How do you find #int x*secx^2dx#?

1 Answer

#int (x* sec x^2) dx=1/2*ln (sec x^2+tan x^2)+C#

Explanation:

What we have here as given is

#int (x* sec x^2) dx#

take note: differential of #x^2# is #d(x^2)=2x*dx#

We do a numerical preparation here by placing a 2 inside the integral and 1/2 outside the integral.

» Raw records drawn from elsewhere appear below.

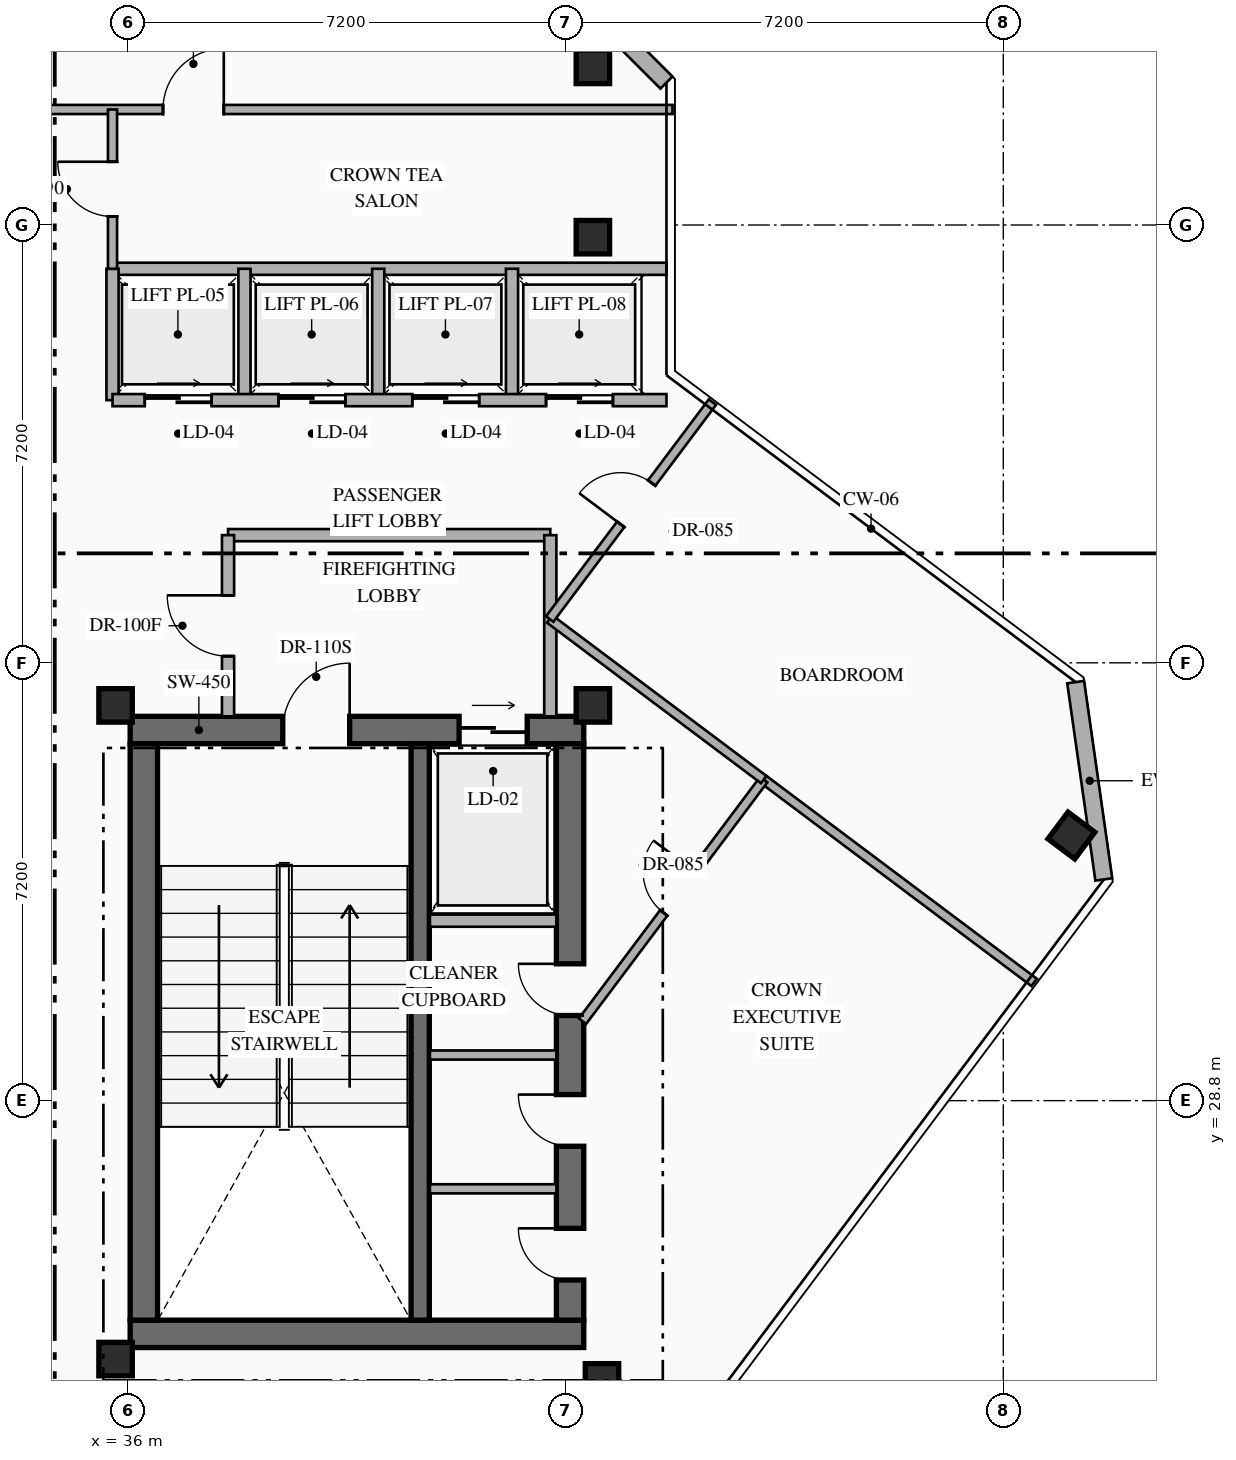
"""IFC4 building model, lengths in metres.
Left out: names, types, materials, properties, quantities, classifications, styles, units other than length and angle.
Written with IfcOpenShell. Run it as: python <this file> out.ifc"""

import sys

from ifc_helpers import new_model, si_unit, direction, frame, frame_2d, origin, origin_2d, place, context, subcontext, project, spatial, rectangle, hollow_rectangle, extrude, element, fill, save


model = new_model("IFC4")
c1 = context("Model", 3, precision=1e-05, world=origin(), true_north=direction((0.0, 1.0)))
c2 = subcontext(c1, "Body", "Model", "MODEL_VIEW")
j1 = project(units=[si_unit("LENGTHUNIT", "METRE"), si_unit("PLANEANGLEUNIT", "RADIAN")], contexts=[c1])
p1 = place(None, origin())
s1 = spatial("IfcSite", under=j1, at=p1, CompositionType="ELEMENT")
p2 = place(p1, origin())
s2 = spatial("IfcBuilding", under=s1, at=p2, CompositionType="ELEMENT")
p3 = place(p2, frame((0.0, 0.0, 285.95)))
s3 = spatial("IfcBuildingStorey", under=s2, at=p3, CompositionType="ELEMENT", Elevation=285.95)
p4 = place(p3, frame((36.04, 24.965, 0.0), z_axis=(0.0, 0.0, 1.0), x_axis=(1.0, 0.0, 0.0)))
e1 = element("IfcWall", 1, at=p4, inside=s3, PredefinedType="SHEAR", context=c2, shape_type="SweptSolid", body=[
    extrude(rectangle(XDim=7.46, YDim=0.45, at=frame_2d((3.73, 0.0))), origin(), (0.0, 0.0, 1.0), 4.0),
])
p5 = place(p3, frame((36.04, 34.895, 0.0), z_axis=(0.0, 0.0, 1.0), x_axis=(1.0, 0.0, 0.0)))
e2 = element("IfcWall", 2, at=p5, inside=s3, PredefinedType="SHEAR", context=c2, shape_type="SweptSolid", body=[
    extrude(rectangle(XDim=7.46, YDim=0.45, at=frame_2d((3.73, 0.0))), origin(), (0.0, 0.0, 1.0), 4.0),
])
p6 = place(p5, frame((2.51, 0.0, 0.0)))
e3 = element("IfcOpeningElement", 3, at=p6, cuts=e2, PredefinedType="OPENING", context=c2, shape_type="SweptSolid", body=[
    extrude(rectangle(XDim=1.1, YDim=2.2, at=frame_2d((0.55, 1.1))), frame((0.0, 0.235, 0.0), z_axis=(0.0, -1.0, 0.0), x_axis=(1.0, 0.0, 0.0)), (0.0, 0.0, 1.0), 0.47),
])
p7 = place(p5, frame((5.41, 0.0, 0.0)))
e4 = element("IfcOpeningElement", 4, at=p7, cuts=e2, PredefinedType="OPENING", context=c2, shape_type="SweptSolid", body=[
    extrude(rectangle(XDim=1.12, YDim=2.15, at=frame_2d((0.56, 1.075))), frame((0.0, 0.235, 0.0), z_axis=(0.0, -1.0, 0.0), x_axis=(1.0, 0.0, 0.0)), (0.0, 0.0, 1.0), 0.47),
])
p8 = place(p3, frame((36.265, 25.19, 0.0), z_axis=(0.0, 0.0, 1.0), x_axis=(0.0, 1.0, 0.0)))
e5 = element("IfcWall", 5, at=p8, inside=s3, PredefinedType="SHEAR", context=c2, shape_type="SweptSolid", body=[
    extrude(rectangle(XDim=9.48, YDim=0.45, at=frame_2d((4.74, 0.0))), origin(), (0.0, 0.0, 1.0), 4.0),
])
p9 = place(p3, frame((43.275, 25.19, 0.0), z_axis=(0.0, 0.0, 1.0), x_axis=(0.0, 1.0, 0.0)))
e6 = element("IfcWall", 6, at=p9, inside=s3, PredefinedType="SHEAR", context=c2, shape_type="SweptSolid", body=[
    extrude(rectangle(XDim=9.48, YDim=0.45, at=frame_2d((4.74, 0.0))), origin(), (0.0, 0.0, 1.0), 4.0),
])
p10 = place(p9, frame((0.66, 0.0, 0.0)))
e7 = element("IfcOpeningElement", 7, at=p10, cuts=e6, PredefinedType="OPENING", context=c2, shape_type="SweptSolid", body=[
    extrude(rectangle(XDim=0.85, YDim=2.08, at=frame_2d((0.425, 1.04))), frame((0.0, 0.235, 0.0), z_axis=(0.0, -1.0, 0.0), x_axis=(1.0, 0.0, 0.0)), (0.0, 0.0, 1.0), 0.47),
])
p11 = place(p9, frame((2.86, 0.0, 0.0)))
e8 = element("IfcOpeningElement", 8, at=p11, cuts=e6, PredefinedType="OPENING", context=c2, shape_type="SweptSolid", body=[
    extrude(rectangle(XDim=0.85, YDim=2.08, at=frame_2d((0.425, 1.04))), frame((0.0, 0.235, 0.0), z_axis=(0.0, -1.0, 0.0), x_axis=(1.0, 0.0, 0.0)), (0.0, 0.0, 1.0), 0.47),
])
p12 = place(p9, frame((5.01, 0.0, 0.0)))
e9 = element("IfcOpeningElement", 9, at=p12, cuts=e6, PredefinedType="OPENING", context=c2, shape_type="SweptSolid", body=[
    extrude(rectangle(XDim=0.85, YDim=2.08, at=frame_2d((0.425, 1.04))), frame((0.0, 0.235, 0.0), z_axis=(0.0, -1.0, 0.0), x_axis=(1.0, 0.0, 0.0)), (0.0, 0.0, 1.0), 0.47),
])
p13 = place(p3, frame((40.81, 25.19, 0.0), z_axis=(0.0, 0.0, 1.0), x_axis=(0.0, 1.0, 0.0)))
e10 = element("IfcWall", 10, at=p13, inside=s3, PredefinedType="SHEAR", context=c2, shape_type="SweptSolid", body=[
    extrude(rectangle(XDim=9.48, YDim=0.3, at=frame_2d((4.74, 0.0))), origin(), (0.0, 0.0, 1.0), 4.0),
])
for number, where, z_axis, x_axis in (
    (11, (35.8, 24.55, 0.0), (0.0, 0.0, 1.0), (1.0, 0.0, 0.0)),
    (12, (43.8, 24.2, 0.0), (0.0, 0.0, 1.0), (1.0, 0.0, 0.0)),
    (13, (35.8, 35.3, 0.0), (0.0, 0.0, 1.0), (1.0, 0.0, 0.0)),
    (14, (43.65, 35.3, 0.0), (0.0, 0.0, 1.0), (1.0, 0.0, 0.0)),
    (15, (43.65, 43.0, 0.0), (0.0, 0.0, 1.0), (1.0, 0.0, 0.0)),
    (16, (43.65, 45.8, 0.0), (0.0, 0.0, 1.0), (1.0, 0.0, 0.0)),
    (17, (51.52, 33.16, 0.0), (0.0, 0.0, 1.0), (0.8, -0.6, 0.0)),
):
    element("IfcColumn", number, at=place(p3, frame(where, z_axis=z_axis, x_axis=x_axis)), inside=s3, PredefinedType="COLUMN", context=c2, shape_type="SweptSolid", body=[
        extrude(hollow_rectangle(XDim=0.55, YDim=0.55, WallThickness=0.022, at=origin_2d()), origin(), (0.0, 0.0, 1.0), 4.0),
    ])
p14 = place(p3, frame((51.59, 35.683, 0.0), z_axis=(0.0, 0.0, 1.0), x_axis=(0.141212810973, -0.989979263428, 0.0)))
e18 = element("IfcWall", 18, at=p14, inside=s3, PredefinedType="STANDARD", context=c2, shape_type="SweptSolid", body=[
    extrude(rectangle(XDim=3.278, YDim=0.28, at=frame_2d((1.639, 0.0))), origin(), (0.0, 0.0, 1.0), 3.7),
])
p15 = place(p3, frame((42.542, 47.86, 0.0), z_axis=(0.0, 0.0, 1.0), x_axis=(0.707106781187, -0.707106781187, 0.0)))
e19 = element("IfcWall", 19, at=p15, inside=s3, PredefinedType="STANDARD", context=c2, shape_type="SweptSolid", body=[
    extrude(rectangle(XDim=3.278, YDim=0.28, at=frame_2d((1.639, 0.0))), origin(), (0.0, 0.0, 1.0), 3.7),
])
p16 = place(p3, frame((40.97, 31.76, 0.0), z_axis=(0.0, 0.0, 1.0), x_axis=(1.0, 0.0, 0.0)))
e20 = element("IfcWall", 20, at=p16, inside=s3, PredefinedType="STANDARD", context=c2, shape_type="SweptSolid", body=[
    extrude(rectangle(XDim=2.08, YDim=0.2, at=frame_2d((1.04, 0.0))), origin(), (0.0, 0.0, 1.0), 3.7),
])
for number, where, z_axis, x_axis in (
    (21, (40.97, 27.35, 0.0), (0.0, 0.0, 1.0), (1.0, 0.0, 0.0)),
    (22, (40.97, 29.55, 0.0), (0.0, 0.0, 1.0), (1.0, 0.0, 0.0)),
):
    element("IfcWall", number, at=place(p3, frame(where, z_axis=z_axis, x_axis=x_axis)), inside=s3, PredefinedType="PARTITIONING", context=c2, shape_type="SweptSolid", body=[
        extrude(rectangle(XDim=2.08, YDim=0.15, at=frame_2d((1.04, 0.0))), origin(), (0.0, 0.0, 1.0), 3.7),
    ])
p17 = place(p3, frame((37.65, 38.1, 0.0), z_axis=(0.0, 0.0, 1.0), x_axis=(1.0, 0.0, 0.0)))
e23 = element("IfcWall", 23, at=p17, inside=s3, PredefinedType="STANDARD", context=c2, shape_type="SweptSolid", body=[
    extrude(rectangle(XDim=5.3, YDim=0.2, at=frame_2d((2.65, 0.0))), origin(), (0.0, 0.0, 1.0), 3.7),
])
p18 = place(p3, frame((42.95, 35.12, 0.0), z_axis=(0.0, 0.0, 1.0), x_axis=(0.0, 1.0, 0.0)))
e24 = element("IfcWall", 24, at=p18, inside=s3, PredefinedType="STANDARD", context=c2, shape_type="SweptSolid", body=[
    extrude(rectangle(XDim=2.98, YDim=0.2, at=frame_2d((1.49, 0.0))), origin(), (0.0, 0.0, 1.0), 3.7),
])
p19 = place(p3, frame((37.65, 35.12, 0.0), z_axis=(0.0, 0.0, 1.0), x_axis=(0.0, 1.0, 0.0)))
e25 = element("IfcWall", 25, at=p19, inside=s3, PredefinedType="STANDARD", context=c2, shape_type="SweptSolid", body=[
    extrude(rectangle(XDim=2.98, YDim=0.2, at=frame_2d((1.49, 0.0))), origin(), (0.0, 0.0, 1.0), 3.7),
])
p20 = place(p19, frame((0.99, 0.0, 0.0)))
e26 = element("IfcOpeningElement", 26, at=p20, cuts=e25, PredefinedType="OPENING", context=c2, shape_type="SweptSolid", body=[
    extrude(rectangle(XDim=1.0, YDim=2.2, at=frame_2d((0.5, 1.1))), frame((0.0, 0.11, 0.0), z_axis=(0.0, -1.0, 0.0), x_axis=(1.0, 0.0, 0.0)), (0.0, 0.0, 1.0), 0.22),
])
p21 = place(p3, frame((35.75, 42.48, 0.0), z_axis=(0.0, 0.0, 1.0), x_axis=(1.0, 0.0, 0.0)))
e27 = element("IfcWall", 27, at=p21, inside=s3, PredefinedType="STANDARD", context=c2, shape_type="SweptSolid", body=[
    extrude(rectangle(XDim=9.11, YDim=0.2, at=frame_2d((4.555, 0.0))), origin(), (0.0, 0.0, 1.0), 3.7),
])
for number, where, z_axis, x_axis in (
    (28, (35.75, 40.32, 0.0), (0.0, 0.0, 1.0), (0.0, 1.0, 0.0)),
    (29, (37.92, 40.32, 0.0), (0.0, 0.0, 1.0), (0.0, 1.0, 0.0)),
    (30, (40.12, 40.32, 0.0), (0.0, 0.0, 1.0), (0.0, 1.0, 0.0)),
    (31, (42.32, 40.32, 0.0), (0.0, 0.0, 1.0), (0.0, 1.0, 0.0)),
):
    element("IfcWall", number, at=place(p3, frame(where, z_axis=z_axis, x_axis=x_axis)), inside=s3, PredefinedType="STANDARD", context=c2, shape_type="SweptSolid", body=[
        extrude(rectangle(XDim=2.16, YDim=0.2, at=frame_2d((1.08, 0.0))), origin(), (0.0, 0.0, 1.0), 3.7),
    ])
p22 = place(p3, frame((35.75, 40.32, 0.0), z_axis=(0.0, 0.0, 1.0), x_axis=(1.0, 0.0, 0.0)))
e32 = element("IfcWall", 32, at=p22, inside=s3, PredefinedType="STANDARD", context=c2, shape_type="SweptSolid", body=[
    extrude(rectangle(XDim=9.11, YDim=0.2, at=frame_2d((4.555, 0.0))), origin(), (0.0, 0.0, 1.0), 3.7),
])
p23 = place(p22, frame((0.53, 0.0, 0.0)))
e33 = element("IfcOpeningElement", 33, at=p23, cuts=e32, PredefinedType="OPENING", context=c2, shape_type="SweptSolid", body=[
    extrude(rectangle(XDim=1.1, YDim=2.18, at=frame_2d((0.55, 1.09))), frame((0.0, 0.11, 0.0), z_axis=(0.0, -1.0, 0.0), x_axis=(1.0, 0.0, 0.0)), (0.0, 0.0, 1.0), 0.22),
])
p24 = place(p22, frame((2.73, 0.0, 0.0)))
e34 = element("IfcOpeningElement", 34, at=p24, cuts=e32, PredefinedType="OPENING", context=c2, shape_type="SweptSolid", body=[
    extrude(rectangle(XDim=1.1, YDim=2.18, at=frame_2d((0.55, 1.09))), frame((0.0, 0.11, 0.0), z_axis=(0.0, -1.0, 0.0), x_axis=(1.0, 0.0, 0.0)), (0.0, 0.0, 1.0), 0.22),
])
p25 = place(p22, frame((4.93, 0.0, 0.0)))
e35 = element("IfcOpeningElement", 35, at=p25, cuts=e32, PredefinedType="OPENING", context=c2, shape_type="SweptSolid", body=[
    extrude(rectangle(XDim=1.1, YDim=2.18, at=frame_2d((0.55, 1.09))), frame((0.0, 0.11, 0.0), z_axis=(0.0, -1.0, 0.0), x_axis=(1.0, 0.0, 0.0)), (0.0, 0.0, 1.0), 0.22),
])
p26 = place(p22, frame((7.13, 0.0, 0.0)))
e36 = element("IfcOpeningElement", 36, at=p26, cuts=e32, PredefinedType="OPENING", context=c2, shape_type="SweptSolid", body=[
    extrude(rectangle(XDim=1.1, YDim=2.18, at=frame_2d((0.55, 1.09))), frame((0.0, 0.11, 0.0), z_axis=(0.0, -1.0, 0.0), x_axis=(1.0, 0.0, 0.0)), (0.0, 0.0, 1.0), 0.22),
])
p27 = place(p3, frame((23.2, 45.1, 0.0), z_axis=(0.0, 0.0, 1.0), x_axis=(1.0, 0.0, 0.0)))
e37 = element("IfcWall", 37, at=p27, inside=s3, PredefinedType="PARTITIONING", context=c2, shape_type="SweptSolid", body=[
    extrude(rectangle(XDim=21.76, YDim=0.15, at=frame_2d((10.88, 0.0))), origin(), (0.0, 0.0, 1.0), 3.7),
])
p28 = place(p27, frame((13.38, 0.0, 0.0)))
e38 = element("IfcOpeningElement", 38, at=p28, cuts=e37, PredefinedType="OPENING", context=c2, shape_type="SweptSolid", body=[
    extrude(rectangle(XDim=1.0, YDim=2.15, at=frame_2d((0.5, 1.075))), frame((0.0, 0.085, 0.0), z_axis=(0.0, -1.0, 0.0), x_axis=(1.0, 0.0, 0.0)), (0.0, 0.0, 1.0), 0.17),
])
p29 = place(p3, frame((35.75, 42.48, 0.0), z_axis=(0.0, 0.0, 1.0), x_axis=(0.0, 1.0, 0.0)))
e39 = element("IfcWall", 39, at=p29, inside=s3, PredefinedType="PARTITIONING", context=c2, shape_type="SweptSolid", body=[
    extrude(rectangle(XDim=2.62, YDim=0.15, at=frame_2d((1.31, 0.0))), origin(), (0.0, 0.0, 1.0), 3.7),
])
p30 = place(p29, frame((0.86, 0.0, 0.0)))
e40 = element("IfcOpeningElement", 40, at=p30, cuts=e39, PredefinedType="OPENING", context=c2, shape_type="SweptSolid", body=[
    extrude(rectangle(XDim=0.9, YDim=2.15, at=frame_2d((0.45, 1.075))), frame((0.0, 0.085, 0.0), z_axis=(0.0, -1.0, 0.0), x_axis=(1.0, 0.0, 0.0)), (0.0, 0.0, 1.0), 0.17),
])
p31 = place(p3, frame((28.18, 27.04, 0.0), z_axis=(0.0, 0.0, 1.0), x_axis=(0.80000367127, -0.599995104942, 0.0)))
e41 = element("IfcWall", 41, at=p31, inside=s3, PredefinedType="PARTITIONING", context=c2, shape_type="SweptSolid", body=[
    extrude(rectangle(XDim=15.96, YDim=0.15, at=frame_2d((7.98, 0.0))), origin(), (0.0, 0.0, 1.0), 3.7),
])
p32 = place(p31, frame((10.39, 0.0, 0.0)))
e42 = element("IfcOpeningElement", 42, at=p32, cuts=e41, PredefinedType="OPENING", context=c2, shape_type="SweptSolid", body=[
    extrude(rectangle(XDim=0.9, YDim=2.15, at=frame_2d((0.45, 1.075))), frame((0.0, 0.085, 0.0), z_axis=(0.0, -1.0, 0.0), x_axis=(1.0, 0.0, 0.0)), (0.0, 0.0, 1.0), 0.17),
])
p33 = place(p3, frame((46.46, 34.08, 0.0), z_axis=(0.0, 0.0, 1.0), x_axis=(0.799984192361, -0.600021076273, 0.0)))
e43 = element("IfcWall", 43, at=p33, inside=s3, PredefinedType="PARTITIONING", context=c2, shape_type="SweptSolid", body=[
    extrude(rectangle(XDim=5.56, YDim=0.15, at=frame_2d((2.78, 0.0))), origin(), (0.0, 0.0, 1.0), 3.7),
])
p34 = place(p3, frame((43.48, 30.107, 0.0), z_axis=(0.0, 0.0, 1.0), x_axis=(0.600015730265, 0.799988202059, 0.0)))
e44 = element("IfcWall", 44, at=p34, inside=s3, PredefinedType="PARTITIONING", context=c2, shape_type="SweptSolid", body=[
    extrude(rectangle(XDim=4.967, YDim=0.15, at=frame_2d((2.483, 0.0))), origin(), (0.0, 0.0, 1.0), 3.7),
])
p35 = place(p34, frame((2.226, 0.0, 0.0)))
e45 = element("IfcOpeningElement", 45, at=p35, cuts=e44, PredefinedType="OPENING", context=c2, shape_type="SweptSolid", body=[
    extrude(rectangle(XDim=0.85, YDim=2.08, at=frame_2d((0.425, 1.04))), frame((0.0, 0.085, 0.0), z_axis=(0.0, -1.0, 0.0), x_axis=(1.0, 0.0, 0.0)), (0.0, 0.0, 1.0), 0.17),
])
p36 = place(p3, frame((42.94, 36.72, 0.0), z_axis=(0.0, 0.0, 1.0), x_axis=(0.800013316712, -0.599982243973, 0.0)))
e46 = element("IfcWall", 46, at=p36, inside=s3, PredefinedType="PARTITIONING", context=c2, shape_type="SweptSolid", body=[
    extrude(rectangle(XDim=4.4, YDim=0.15, at=frame_2d((2.2, 0.0))), origin(), (0.0, 0.0, 1.0), 3.245),
])
p37 = place(p3, frame((42.94, 36.72, 0.0), z_axis=(0.0, 0.0, 1.0), x_axis=(0.599991241767, 0.8000065686, 0.0)))
e47 = element("IfcWall", 47, at=p37, inside=s3, PredefinedType="PARTITIONING", context=c2, shape_type="SweptSolid", body=[
    extrude(rectangle(XDim=4.46, YDim=0.15, at=frame_2d((2.23, 0.0))), origin(), (0.0, 0.0, 1.0), 3.7),
])
p38 = place(p37, frame((1.947, 0.0, 0.0)))
e48 = element("IfcOpeningElement", 48, at=p38, cuts=e47, PredefinedType="OPENING", context=c2, shape_type="SweptSolid", body=[
    extrude(rectangle(XDim=0.85, YDim=2.08, at=frame_2d((0.425, 1.04))), frame((0.0, 0.085, 0.0), z_axis=(0.0, -1.0, 0.0), x_axis=(1.0, 0.0, 0.0)), (0.0, 0.0, 1.0), 0.17),
])
p39 = place(p6, origin())
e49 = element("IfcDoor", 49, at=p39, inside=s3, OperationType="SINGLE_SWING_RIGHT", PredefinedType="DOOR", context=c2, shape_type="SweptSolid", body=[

#int (x* sec x^2) dx=1/2int ( sec x^2)*(2x) dx#

from the formula

#int sec u* du=ln (sec u+tan u)+C#

#color(red)(int (x* sec x^2) dx=1/2int ( sec x^2)*(2x) dx=#
#color(red)(1/2*ln (sec x^2+tan x^2)+C)#

Let us do a little checking by differentiation

from our answer

#1/2*ln (sec x^2+tan x^2)+C#

Let us perform differentiation

#d/dx(1/2*ln (sec x^2+tan x^2)+C)#

#d/dx(1/2*ln (sec x^2+tan x^2))+d/dx(C)#

#1/2*(1/(sec x^2+tan x^2))*d/dx(sec x^2+tan x^2)+0#

#1/2*(1/(sec x^2+tan x^2))*(sec x^2*tan x^2*d/dx(x^2)+sec^2 x^2*d/dx(x^2))+0#

#1/2*(1/(sec x^2+tan x^2))*(sec x^2*tan x^2*2x+sec^2 x^2*2x)#

factoring the common monomial factor #2x*sec x^2#

#1/2*((2x*sec x^2)/(sec x^2+tan x^2))*(sec x^2+tan x^2)#

#1/cancel2*((cancel2x*sec x^2)/cancel(sec x^2+tan x^2))*cancel(sec x^2+tan x^2)#

#x * sec x^2" "#which is the given integrand

God bless....I hope the explanation is useful.